The gas and entrained drill cuttings flow up the production tube 6 to the wellhead 8 and thence to a processing facility 9 via a pipe 10. The drill cuttings can be separated from the gas at the processing facility 9. Fig 2 is similar to Fig 1 and the same elements have the same reference numerals, but instead of steel tubing 15 there is provided plastic tubing 22 and a sandscreen 23. The plastic tubing 22 is in fluid communication with a fluid passage (not shown) in the drilling device 13. The sandscreen 23 is positioned around the plastic tubing 22 and is releasably connected to the drilling apparatus 13. The plastic tubing 22 can, like the steel tubing 15 in Fig 1, be used to transport fluid to or from the drilling device 13. After drilling of the second wellbore section 19, the sandscreen 23 may be expanded, for example, by sealing the plastic tubing 22 and pressurising with gas to expand the plastic tubing 22 which in turn expands the sandscreen 23. By releasing the pressure in the plastic tubing 22, it will deflate sufficiently to allow its withdrawal from the sandscreen 23. The eductor 30 illustrated in Fig 3 comprises a nozzle 31 through which compressed gas is supplied. The compressed gas is supplied by a compressor (not shown) that can be driven by any suitable means, such as a high speed electric motor. The nozzle 31 accelerates the compressed gas through a venturi section 32 positioned in a tube 33 creating suction which draws gas and drill cuttings into the tube 33 through holes 34. The drill cuttings are entrained in the gas and conveyed through the pipe 33. The nozzle 31 can be connected to any suitable compressor. The compressor could optionally be within the either of the housings 13 or 17 of Figures 1 or 2. The compressor preferably has a filter to ensure that drill cuttings do not enter the compressor. By the use of the eductor, the compressor can be protected from the passage of drill cuttings which can be entrained into a produced gas stream.

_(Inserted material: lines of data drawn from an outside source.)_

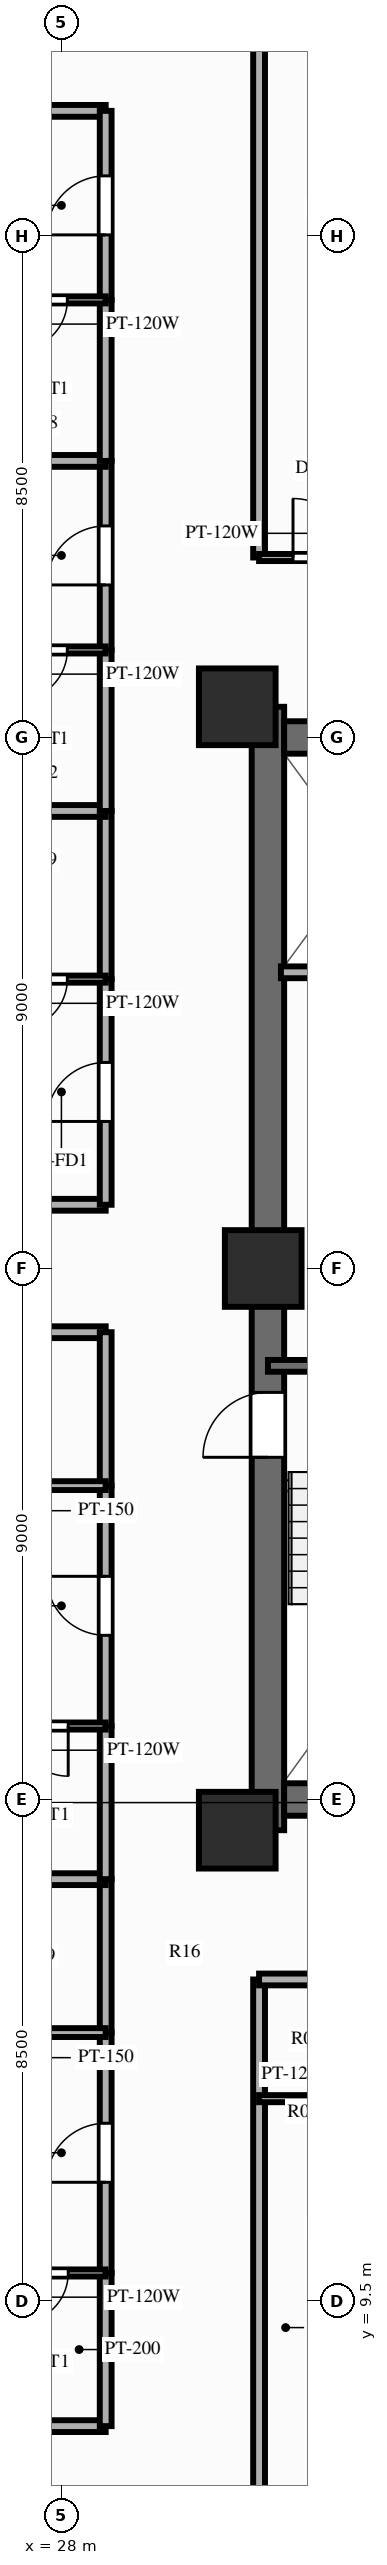
"""IFC4 building model, lengths in metres.
Left out: names, types, materials, properties, quantities, classifications, styles, units other than length and angle.
Written with IfcOpenShell. Run it as: python <this file> out.ifc"""

import sys

from ifc_helpers import new_model, si_unit, direction, frame, frame_2d, origin, origin_2d, place, context, subcontext, project, spatial, rectangle, extrude, source, transform, mapped, element, fill, save


model = new_model("IFC4")
c1 = context("Model", 3, precision=1e-05, world=origin(), true_north=direction((0.0, 1.0)))
c2 = subcontext(c1, "Body", "Model", "MODEL_VIEW")
j1 = project(units=[si_unit("LENGTHUNIT", "METRE"), si_unit("PLANEANGLEUNIT", "RADIAN")], contexts=[c1])
p1 = place(None, origin())
s1 = spatial("IfcSite", under=j1, at=p1, CompositionType="ELEMENT")
p2 = place(p1, origin())
s2 = spatial("IfcBuilding", under=s1, at=p2, CompositionType="ELEMENT")
p3 = place(p2, frame((0.0, 0.0, 113.85)))
s3 = spatial("IfcBuildingStorey", under=s2, at=p3, CompositionType="ELEMENT", Elevation=113.85)
p4 = place(p3, frame((31.5, 17.48, 0.0), z_axis=(0.0, 0.0, 1.0), x_axis=(0.0, 1.0, 0.0)))
e1 = element("IfcWall", 1, at=p4, inside=s3, PredefinedType="SHEAR", context=c2, shape_type="SweptSolid", body=[
    extrude(rectangle(XDim=19.04, YDim=0.55, at=frame_2d((9.52, 0.0))), origin(), (0.0, 0.0, 1.0), 3.0),
])
p5 = place(p4, frame((6.32, 0.0, 0.0)))
e2 = element("IfcOpeningElement", 2, at=p5, cuts=e1, PredefinedType="OPENING", context=c2, shape_type="SweptSolid", body=[
    extrude(rectangle(XDim=1.1, YDim=2.15, at=frame_2d((0.55, 1.075))), frame((0.0, 0.287, 0.0), z_axis=(0.0, -1.0, 0.0), x_axis=(1.0, 0.0, 0.0)), (0.0, 0.0, 1.0), 0.574),
])
p6 = place(p3, frame((31.775, 18.0, 0.0), z_axis=(0.0, 0.0, 1.0), x_axis=(1.0, 0.0, 0.0)))
e3 = element("IfcWall", 3, at=p6, inside=s3, PredefinedType="SHEAR", context=c2, shape_type="SweptSolid", body=[
    extrude(rectangle(XDim=12.45, YDim=0.55, at=frame_2d((6.225, 0.0))), origin(), (0.0, 0.0, 1.0), 3.0),
])
p7 = place(p3, frame((31.775, 36.0, 0.0), z_axis=(0.0, 0.0, 1.0), x_axis=(1.0, 0.0, 0.0)))
e4 = element("IfcWall", 4, at=p7, inside=s3, PredefinedType="SHEAR", context=c2, shape_type="SweptSolid", body=[
    extrude(rectangle(XDim=12.45, YDim=0.55, at=frame_2d((6.225, 0.0))), origin(), (0.0, 0.0, 1.0), 3.0),
])
p8 = place(p7, frame((5.175, 0.0, 0.0), z_axis=(0.0, 0.0, 1.0), x_axis=(-1.0, 0.0, 0.0)))
e5 = element("IfcOpeningElement", 5, at=p8, cuts=e4, PredefinedType="OPENING", context=c2, shape_type="SweptSolid", body=[
    extrude(rectangle(XDim=1.4, YDim=2.15, at=frame_2d((0.7, 1.075))), frame((0.0, 0.287, 0.0), z_axis=(0.0, -1.0, 0.0), x_axis=(1.0, 0.0, 0.0)), (0.0, 0.0, 1.0), 0.574),
])
m1 = source(origin(), c2, "Body", "SweptSolid", [
    extrude(rectangle(XDim=1.3, YDim=1.3, at=origin_2d()), origin(), (0.0, 0.0, 1.0), 3.0),
])
for number, where, z_axis, x_axis in (
    (6, (30.98, 17.48, 0.0), (0.0, 0.0, 1.0), (1.0, 0.0, 0.0)),
    (7, (30.98, 36.52, 0.0), (0.0, 0.0, 1.0), (1.0, 0.0, 0.0)),
    (8, (31.42, 27.0, 0.0), (0.0, 0.0, 1.0), (1.0, 0.0, 0.0)),
):
    element("IfcColumn", number, at=place(p3, frame(where, z_axis=z_axis, x_axis=x_axis)), inside=s3, PredefinedType="COLUMN", context=c2, shape_type="MappedRepresentation", body=[
        mapped(m1, transform((0.0, 0.0, 0.0), scale=1.0)),
    ])
p9 = place(p3, frame((31.5, 25.35, 0.0), z_axis=(0.0, 0.0, 1.0), x_axis=(1.0, 0.0, 0.0)))
e9 = element("IfcWall", 9, at=p9, inside=s3, PredefinedType="SOLIDWALL", context=c2, shape_type="SweptSolid", body=[
    extrude(rectangle(XDim=3.93, YDim=0.2, at=frame_2d((1.965, 0.0))), origin(), (0.0, 0.0, 1.0), 2.79),
])
p10 = place(p3, frame((31.72, 32.02, 0.0), z_axis=(0.0, 0.0, 1.0), x_axis=(1.0, 0.0, 0.0)))
e10 = element("IfcWall", 10, at=p10, inside=s3, PredefinedType="PARTITIONING", context=c2, shape_type="SweptSolid", body=[
    extrude(rectangle(XDim=2.8, YDim=0.2, at=frame_2d((1.4, 0.0))), origin(), (0.0, 0.0, 1.0), 2.79),
])
p11 = place(p3, frame((31.35, 14.95, 0.0), z_axis=(0.0, 0.0, 1.0), x_axis=(0.0, -1.0, 0.0)))
e11 = element("IfcWall", 11, at=p11, inside=s3, PredefinedType="PARTITIONING", context=c2, shape_type="SweptSolid", body=[
    extrude(rectangle(XDim=11.8, YDim=0.2, at=frame_2d((5.9, 0.0))), origin(), (0.0, 0.0, 1.0), 2.34),
])
p12 = place(p3, frame((31.35, 14.95, 0.0), z_axis=(0.0, 0.0, 1.0), x_axis=(1.0, 0.0, 0.0)))
e12 = element("IfcWall", 12, at=p12, inside=s3, PredefinedType="PARTITIONING", context=c2, shape_type="SweptSolid", body=[
    extrude(rectangle(XDim=3.458, YDim=0.2, at=frame_2d((1.729, 0.0))), origin(), (0.0, 0.0, 1.0), 2.79),
])
p13 = place(p3, frame((31.35, 12.93, 0.0), z_axis=(0.0, 0.0, 1.0), x_axis=(1.0, 0.0, 0.0)))
e13 = element("IfcWall", 13, at=p13, inside=s3, PredefinedType="PARTITIONING", context=c2, shape_type="SweptSolid", body=[
    extrude(rectangle(XDim=3.458, YDim=0.12, at=frame_2d((1.729, 0.0))), origin(), (0.0, 0.0, 1.0), 2.79),
])
p14 = place(p3, frame((31.35, 39.05, 0.0), z_axis=(0.0, 0.0, 1.0), x_axis=(0.0, 1.0, 0.0)))
e14 = element("IfcWall", 14, at=p14, inside=s3, PredefinedType="PARTITIONING", context=c2, shape_type="SweptSolid", body=[
    extrude(rectangle(XDim=11.8, YDim=0.2, at=frame_2d((5.9, 0.0))), origin(), (0.0, 0.0, 1.0), 2.34),
])
p15 = place(p3, frame((31.35, 39.05, 0.0), z_axis=(0.0, 0.0, 1.0), x_axis=(1.0, 0.0, 0.0)))
e15 = element("IfcWall", 15, at=p15, inside=s3, PredefinedType="PARTITIONING", context=c2, shape_type="SweptSolid", body=[
    extrude(rectangle(XDim=2.15, YDim=0.12, at=frame_2d((1.075, 0.0))), origin(), (0.0, 0.0, 1.0), 2.79),
])
p16 = place(p15, frame((0.575, 0.0, 0.0)))
e16 = element("IfcOpeningElement", 16, at=p16, cuts=e15, PredefinedType="OPENING", context=c2, shape_type="SweptSolid", body=[
    extrude(rectangle(XDim=1.0, YDim=2.1, at=frame_2d((0.5, 1.05))), frame((0.0, 0.072, 0.0), z_axis=(0.0, -1.0, 0.0), x_axis=(1.0, 0.0, 0.0)), (0.0, 0.0, 1.0), 0.144),
])
for number, where, z_axis, x_axis in (
    (17, (28.75, 7.38, 0.0), (0.0, 0.0, 1.0), (-1.0, 0.0, 0.0)),
    (18, (28.75, 25.92, 0.0), (0.0, 0.0, 1.0), (-1.0, 0.0, 0.0)),
):
    element("IfcWall", number, at=place(p3, frame(where, z_axis=z_axis, x_axis=x_axis)), inside=s3, PredefinedType="PARTITIONING", context=c2, shape_type="SweptSolid", body=[
        extrude(rectangle(XDim=16.6, YDim=0.2, at=frame_2d((8.3, 0.0))), origin(), (0.0, 0.0, 1.0), 2.79),
    ])
p17 = place(p3, frame((28.75, 7.38, 0.0), z_axis=(0.0, 0.0, 1.0), x_axis=(0.0, 1.0, 0.0)))
e19 = element("IfcWall", 19, at=p17, inside=s3, PredefinedType="PARTITIONING", context=c2, shape_type="SweptSolid", body=[
    extrude(rectangle(XDim=2.596, YDim=0.2, at=frame_2d((1.298, 0.0))), origin(), (0.0, 0.0, 1.0), 2.79),
])
p18 = place(p3, frame((28.75, 9.976, 0.0), z_axis=(0.0, 0.0, 1.0), x_axis=(0.0, 1.0, 0.0)))
e20 = element("IfcWall", 20, at=p18, inside=s3, PredefinedType="PARTITIONING", context=c2, shape_type="SweptSolid", body=[
    extrude(rectangle(XDim=4.074, YDim=0.2, at=frame_2d((2.037, 0.0))), origin(), (0.0, 0.0, 1.0), 2.79),
])
p19 = place(p18, frame((1.537, 0.0, 0.0)))
e21 = element("IfcOpeningElement", 21, at=p19, cuts=e20, PredefinedType="OPENING", context=c2, shape_type="SweptSolid", body=[
    extrude(rectangle(XDim=1.0, YDim=2.15, at=frame_2d((0.5, 1.075))), frame((0.0, 0.112, 0.0), z_axis=(0.0, -1.0, 0.0), x_axis=(1.0, 0.0, 0.0)), (0.0, 0.0, 1.0), 0.224),
])
p20 = place(p3, frame((28.75, 14.05, 0.0), z_axis=(0.0, 0.0, 1.0), x_axis=(0.0, 1.0, 0.0)))
e22 = element("IfcWall", 22, at=p20, inside=s3, PredefinedType="PARTITIONING", context=c2, shape_type="SweptSolid", body=[
    extrude(rectangle(XDim=2.6, YDim=0.2, at=frame_2d((1.3, 0.0))), origin(), (0.0, 0.0, 1.0), 2.79),
])
p21 = place(p3, frame((28.75, 9.976, 0.0), z_axis=(0.0, 0.0, 1.0), x_axis=(-1.0, 0.0, 0.0)))
e23 = element("IfcWall", 23, at=p21, inside=s3, PredefinedType="PARTITIONING", context=c2, shape_type="SweptSolid", body=[
    extrude(rectangle(XDim=2.12, YDim=0.12, at=frame_2d((1.06, 0.0))), origin(), (0.0, 0.0, 1.0), 2.79),
])
p22 = place(p21, frame((0.635, 0.0, 0.0)))
e24 = element("IfcOpeningElement", 24, at=p22, cuts=e23, PredefinedType="OPENING", context=c2, shape_type="SweptSolid", body=[
    extrude(rectangle(XDim=0.85, YDim=2.05, at=frame_2d((0.425, 1.025))), frame((0.0, 0.072, 0.0), z_axis=(0.0, -1.0, 0.0), x_axis=(1.0, 0.0, 0.0)), (0.0, 0.0, 1.0), 0.144),
])
p23 = place(p3, frame((28.75, 14.05, 0.0), z_axis=(0.0, 0.0, 1.0), x_axis=(-1.0, 0.0, 0.0)))
e25 = element("IfcWall", 25, at=p23, inside=s3, PredefinedType="PARTITIONING", context=c2, shape_type="SweptSolid", body=[
    extrude(rectangle(XDim=3.08, YDim=0.15, at=frame_2d((1.54, 0.0))), origin(), (0.0, 0.0, 1.0), 2.79),
])
p24 = place(p23, frame((1.09, 0.0, 0.0)))
e26 = element("IfcOpeningElement", 26, at=p24, cuts=e25, PredefinedType="OPENING", context=c2, shape_type="SweptSolid", body=[
    extrude(rectangle(XDim=0.9, YDim=2.1, at=frame_2d((0.45, 1.05))), frame((0.0, 0.087, 0.0), z_axis=(0.0, -1.0, 0.0), x_axis=(1.0, 0.0, 0.0)), (0.0, 0.0, 1.0), 0.174),
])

A fluidic choke assembly suitable for use in the present invention is illustrated in Figure 4. A vortex amplifier 40 comprising a chamber having radial, axial and tangential

ports is included in a flow line 41 leading from the well head. The flow from the well head through line 41 enters the vortex amplifier 40 through the radial port. The axial port of the vortex amplifier 40 communicates with the flow line 42 which leads to the processing facility. A separator 43 is positioned downstream of the vortex amplifier 40. The separator can, for example, separate the solid drill cuttings from the gas and/or separate gas from liquid. A branch 44 from the line 42 at a position downstream of the separator 43 leads to a pump 45 and the output from the pump 45 is connected by line 46 to the tangential control port or ports of the vortex amplifier 40. Control means (not shown) control the pump to achieve the desired flow though the vortex amplifier to achieve the pressure required in the wellbore. A control valve 47 can be included in the flow line 41. The flow in line 41 enters the chamber of the vortex amplifier 40 through the radial port and leaves via the axial port and along line 43. Control flow along line 44 is admitted into the chamber of the vortex amplifier 40 tangentially and deflects the inlet flow to the vortex so reducing the inlet flow. Increasing the control flow increases the pressure drop caused by the vortex and the main flow can be progressively decreased to reduce the main flow outlet. The apparatus can perform the function of a conventional choke but has the advantages that there are no moving parts and the vortex amplifier presents the same flow area to the main flow and throttling is achieved by the control flow. Thus the vortex amplifier arrangement is particularly suitable for the present invention in which the main flow comprises a substantial amount of gas and drill cuttings. As an alternative to using a branch 44 from the main flow, the control flow can be pumped from a separate source of the same or different fluid. For example, when used on an offshore drilling/production facility, sea water could be used.

A means for separating the drill cuttings from the fluid may be provided upstream of the choke means. This could be a gravity separator.